The FOURIER trial (Further Cardiovascular Outcomes Research with PCSK9 Inhibition in Subjects with Elevated Risk) was a large study that determined the clinical use of PCSK9 inhibitor evolocumab given in addition to standard statin therapy. The results of the study were presented at the 2017 American Heart Association Scientific Sessions by Marc Bonaca, MD, MPH, investigator at the TIMI Study Group and director of the Aortic Disease Center at Brigham and Women's Hospital. The study is published in the journal Circulation.

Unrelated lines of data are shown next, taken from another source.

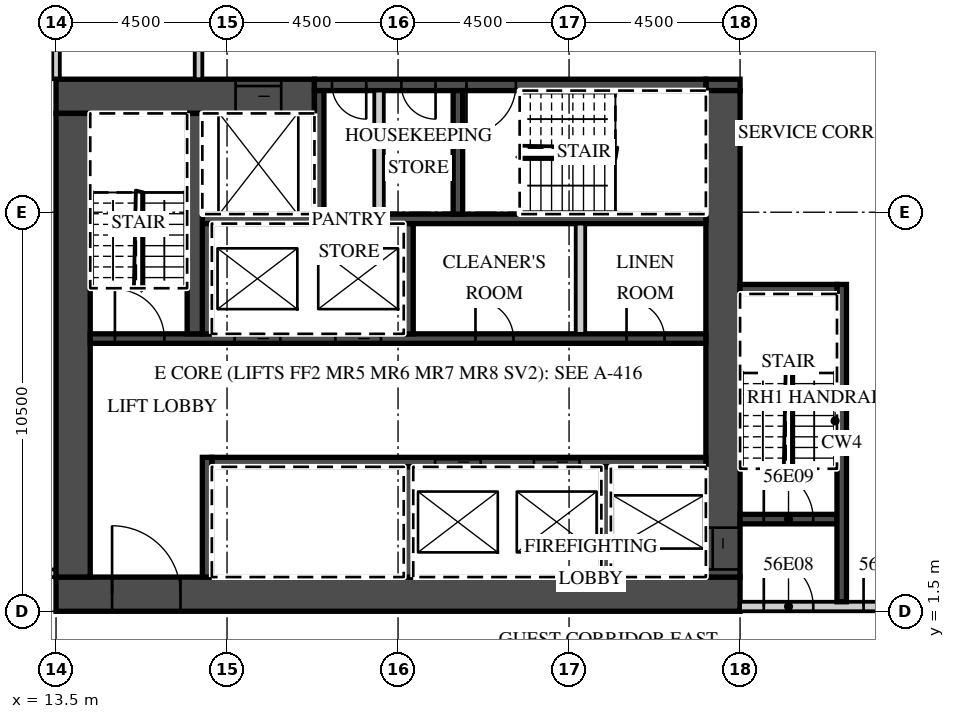
"""IFC4 building model, lengths in metres.
Left out: names, types, materials, properties, quantities, classifications, styles, units other than length and angle.
Written with IfcOpenShell. Run it as: python <this file> out.ifc"""

import sys

from ifc_helpers import new_model, si_unit, direction, frame, frame_2d, origin, place, context, subcontext, project, spatial, rectangle, extrude, element, fill, save


model = new_model("IFC4")
c1 = context("Model", 3, precision=1e-05, world=origin(), true_north=direction((0.0, 1.0)))
c2 = subcontext(c1, "Body", "Model", "MODEL_VIEW")
j1 = project(units=[si_unit("LENGTHUNIT", "METRE"), si_unit("PLANEANGLEUNIT", "RADIAN")], contexts=[c1])
p1 = place(None, origin())
s1 = spatial("IfcSite", under=j1, at=p1, CompositionType="ELEMENT")
p2 = place(p1, origin())
s2 = spatial("IfcBuilding", under=s1, at=p2, CompositionType="ELEMENT")
p3 = place(p2, frame((0.0, 0.0, 230.9)))
s3 = spatial("IfcBuildingStorey", under=s2, at=p3, CompositionType="ELEMENT", Elevation=230.9)
p4 = place(p3, frame((13.5, 15.5, 0.0), z_axis=(0.0, 0.0, 1.0), x_axis=(0.0, 1.0, 0.0)))
e1 = element("IfcWall", 1, at=p4, inside=s3, PredefinedType="PARTITIONING", context=c2, shape_type="SweptSolid", body=[
    extrude(rectangle(XDim=5.436, YDim=0.2, at=frame_2d((2.718, 0.0))), origin(), (0.0, 0.0, 1.0), 3.02),
])
p5 = place(p3, frame((-13.5, 2.5, 0.0), z_axis=(0.0, 0.0, 1.0), x_axis=(1.0, 0.0, 0.0)))
e2 = element("IfcWall", 2, at=p5, inside=s3, PredefinedType="PARTITIONING", context=c2, shape_type="SweptSolid", body=[
    extrude(rectangle(XDim=27.0, YDim=0.2, at=frame_2d((13.5, 0.0))), origin(), (0.0, 0.0, 1.0), 3.02),
])
p6 = place(p5, frame((2.925, 0.0, 0.0)))
e3 = element("IfcOpeningElement", 3, at=p6, cuts=e2, PredefinedType="OPENING", context=c2, shape_type="SweptSolid", body=[
    extrude(rectangle(XDim=1.0, YDim=2.1, at=frame_2d((0.5, 1.05))), frame((0.0, 0.11, 0.0), z_axis=(0.0, -1.0, 0.0), x_axis=(1.0, 0.0, 0.0)), (0.0, 0.0, 1.0), 0.22),
])
p7 = place(p5, frame((6.938, 0.0, 0.0)))
e4 = element("IfcOpeningElement", 4, at=p7, cuts=e2, PredefinedType="OPENING", context=c2, shape_type="SweptSolid", body=[
    extrude(rectangle(XDim=1.2, YDim=2.1, at=frame_2d((0.6, 1.05))), frame((0.0, 0.11, 0.0), z_axis=(0.0, -1.0, 0.0), x_axis=(1.0, 0.0, 0.0)), (0.0, 0.0, 1.0), 0.22),
])
p8 = place(p5, frame((14.075, 0.0, 0.0)))
e5 = element("IfcOpeningElement", 5, at=p8, cuts=e2, PredefinedType="OPENING", context=c2, shape_type="SweptSolid", body=[
    extrude(rectangle(XDim=1.0, YDim=2.1, at=frame_2d((0.5, 1.05))), frame((0.0, 0.11, 0.0), z_axis=(0.0, -1.0, 0.0), x_axis=(1.0, 0.0, 0.0)), (0.0, 0.0, 1.0), 0.22),
])
p9 = place(p5, frame((20.925, 0.0, 0.0)))
e6 = element("IfcOpeningElement", 6, at=p9, cuts=e2, PredefinedType="OPENING", context=c2, shape_type="SweptSolid", body=[
    extrude(rectangle(XDim=1.0, YDim=2.1, at=frame_2d((0.5, 1.05))), frame((0.0, 0.11, 0.0), z_axis=(0.0, -1.0, 0.0), x_axis=(1.0, 0.0, 0.0)), (0.0, 0.0, 1.0), 0.22),
])
p10 = place(p5, frame((25.425, 0.0, 0.0)))
e7 = element("IfcOpeningElement", 7, at=p10, cuts=e2, PredefinedType="OPENING", context=c2, shape_type="SweptSolid", body=[
    extrude(rectangle(XDim=1.0, YDim=2.1, at=frame_2d((0.5, 1.05))), frame((0.0, 0.11, 0.0), z_axis=(0.0, -1.0, 0.0), x_axis=(1.0, 0.0, 0.0)), (0.0, 0.0, 1.0), 0.22),
])
p11 = place(p3, frame((13.5, 1.95, 0.0), z_axis=(0.0, 0.0, 1.0), x_axis=(1.0, 0.0, 0.0)))
e8 = element("IfcWall", 8, at=p11, inside=s3, PredefinedType="SHEAR", context=c2, shape_type="SweptSolid", body=[
    extrude(rectangle(XDim=18.0, YDim=0.9, at=frame_2d((9.0, 0.0))), origin(), (0.0, 0.0, 1.0), 3.02),
])
p12 = place(p11, frame((1.475, 0.0, 0.0)))
e9 = element("IfcOpeningElement", 9, at=p12, cuts=e8, PredefinedType="OPENING", context=c2, shape_type="SweptSolid", body=[
    extrude(rectangle(XDim=1.8, YDim=2.1, at=frame_2d((0.9, 1.05))), frame((0.0, 0.46, 0.0), z_axis=(0.0, -1.0, 0.0), x_axis=(1.0, 0.0, 0.0)), (0.0, 0.0, 1.0), 0.92),
])
p13 = place(p3, frame((13.5, 15.05, 0.0), z_axis=(0.0, 0.0, 1.0), x_axis=(1.0, 0.0, 0.0)))
e10 = element("IfcWall", 10, at=p13, inside=s3, PredefinedType="SHEAR", context=c2, shape_type="SweptSolid", body=[
    extrude(rectangle(XDim=6.8, YDim=0.9, at=frame_2d((3.4, 0.0))), origin(), (0.0, 0.0, 1.0), 3.02),
])
p14 = place(p13, frame((4.725, 0.0, 0.0)))
e11 = element("IfcOpeningElement", 11, at=p14, cuts=e10, PredefinedType="OPENING", context=c2, shape_type="SweptSolid", body=[
    extrude(rectangle(XDim=1.2, YDim=2.1, at=frame_2d((0.6, 1.05))), frame((0.0, 0.46, 0.0), z_axis=(0.0, -1.0, 0.0), x_axis=(1.0, 0.0, 0.0)), (0.0, 0.0, 1.0), 0.92),
])
p15 = place(p3, frame((30.6, 15.35, 0.0), z_axis=(0.0, 0.0, 1.0), x_axis=(1.0, 0.0, 0.0)))
e12 = element("IfcWall", 12, at=p15, inside=s3, PredefinedType="SHEAR", context=c2, shape_type="SweptSolid", body=[
    extrude(rectangle(XDim=0.9, YDim=0.3, at=frame_2d((0.45, 0.0))), origin(), (0.0, 0.0, 1.0), 3.02),
])
p16 = place(p3, frame((20.3, 15.35, 0.0), z_axis=(0.0, 0.0, 1.0), x_axis=(1.0, 0.0, 0.0)))
e13 = element("IfcWall", 13, at=p16, inside=s3, PredefinedType="SHEAR", context=c2, shape_type="SweptSolid", body=[
    extrude(rectangle(XDim=10.3, YDim=0.3, at=frame_2d((5.15, 0.0))), origin(), (0.0, 0.0, 1.0), 3.02),
])
p17 = place(p16, frame((4.0, 0.0, 0.0)))
e14 = element("IfcOpeningElement", 14, at=p17, cuts=e13, PredefinedType="OPENING", context=c2, shape_type="SweptSolid", body=[
    extrude(rectangle(XDim=1.3, YDim=2.1, at=frame_2d((0.65, 1.05))), frame((0.0, 0.16, 0.0), z_axis=(0.0, -1.0, 0.0), x_axis=(1.0, 0.0, 0.0)), (0.0, 0.0, 1.0), 0.32),
])
p18 = place(p16, frame((2.288, 0.0, 0.0)))
e15 = element("IfcOpeningElement", 15, at=p18, cuts=e13, PredefinedType="OPENING", context=c2, shape_type="SweptSolid", body=[
    extrude(rectangle(XDim=0.9, YDim=2.1, at=frame_2d((0.45, 1.05))), frame((0.0, 0.16, 0.0), z_axis=(0.0, -1.0, 0.0), x_axis=(1.0, 0.0, 0.0)), (0.0, 0.0, 1.0), 0.32),
])
p19 = place(p16, frame((0.462, 0.0, 0.0)))
e16 = element("IfcOpeningElement", 16, at=p19, cuts=e13, PredefinedType="OPENING", context=c2, shape_type="SweptSolid", body=[
    extrude(rectangle(XDim=0.9, YDim=2.1, at=frame_2d((0.45, 1.05))), frame((0.0, 0.16, 0.0), z_axis=(0.0, -1.0, 0.0), x_axis=(1.0, 0.0, 0.0)), (0.0, 0.0, 1.0), 0.32),
])
p20 = place(p3, frame((31.05, 2.4, 0.0), z_axis=(0.0, 0.0, 1.0), x_axis=(0.0, 1.0, 0.0)))
e17 = element("IfcWall", 17, at=p20, inside=s3, PredefinedType="SHEAR", context=c2, shape_type="SweptSolid", body=[
    extrude(rectangle(XDim=12.8, YDim=0.9, at=frame_2d((6.4, 0.0))), origin(), (0.0, 0.0, 1.0), 3.02),
])
p21 = place(p20, frame((0.2, 0.0, 0.0)))
e18 = element("IfcOpeningElement", 18, at=p21, cuts=e17, PredefinedType="OPENING", context=c2, shape_type="SweptSolid", body=[
    extrude(rectangle(XDim=1.1, YDim=2.1, at=frame_2d((0.55, 1.05))), frame((0.0, 0.46, 0.0), z_axis=(0.0, -1.0, 0.0), x_axis=(1.0, 0.0, 0.0)), (0.0, 0.0, 1.0), 0.92),
])
p22 = place(p3, frame((13.95, 2.4, 0.0), z_axis=(0.0, 0.0, 1.0), x_axis=(0.0, 1.0, 0.0)))
e19 = element("IfcWall", 19, at=p22, inside=s3, PredefinedType="SHEAR", context=c2, shape_type="SweptSolid", body=[
    extrude(rectangle(XDim=12.2, YDim=0.9, at=frame_2d((6.1, 0.0))), origin(), (0.0, 0.0, 1.0), 3.02),
])
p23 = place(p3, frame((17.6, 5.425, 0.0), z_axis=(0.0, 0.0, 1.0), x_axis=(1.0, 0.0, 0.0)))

Peripheral Artery Disease (PAD)

Peripheral Artery Disease is a circulatory problem where the blood circulation to the lower limbs is limited due to narrow arteries. Patients with PAD are at heightened risk of major adverse cardiovascular events including myocardial infarction, stroke, and cardiovascular death. PAD is also majorly associated with major adverse limb events including acute limb ischemia and major amputation. It is usually caused due to fatty deposits in the arteries called atherosclerosis.

Treatment

Despite the best treatments using high-intensity statins, the risk of cardiovascular and limb events remains high. While low-density lipoprotein (LDL) cholesterol, a modifiable risk factor for cardiovascular disease, has been studied in association with atherosclerosis, very few studies show its efficiency in treating PAD patients.

Evolocumab

Evolocumab is a member of a new class of cholesterol-lowering drugs known as PCSK9 inhibitors. This group of drugs have emerged as an effective treatment in lowering LDL to an extent that is not possible by statin therapy alone. Evolocumab reduces LDL cholesterol levels by approximately 60%.

FOURIER Clinical Trial

FOURIER was a very large trial involving 27,564 patients with either atherosclerosis, PAD, myocardial infarctions, stoke and other conditions in 49 countries, who were on statin therapy. The aim of the trial was to determine if the addition of evolocumab to standard statin therapy reduced the risk of adverse cardiovascular events. This was a randomized trial where some received evolocumab while others received the placebo. Patients were observed for approximately 2.5 years for cardiovascular and limb events.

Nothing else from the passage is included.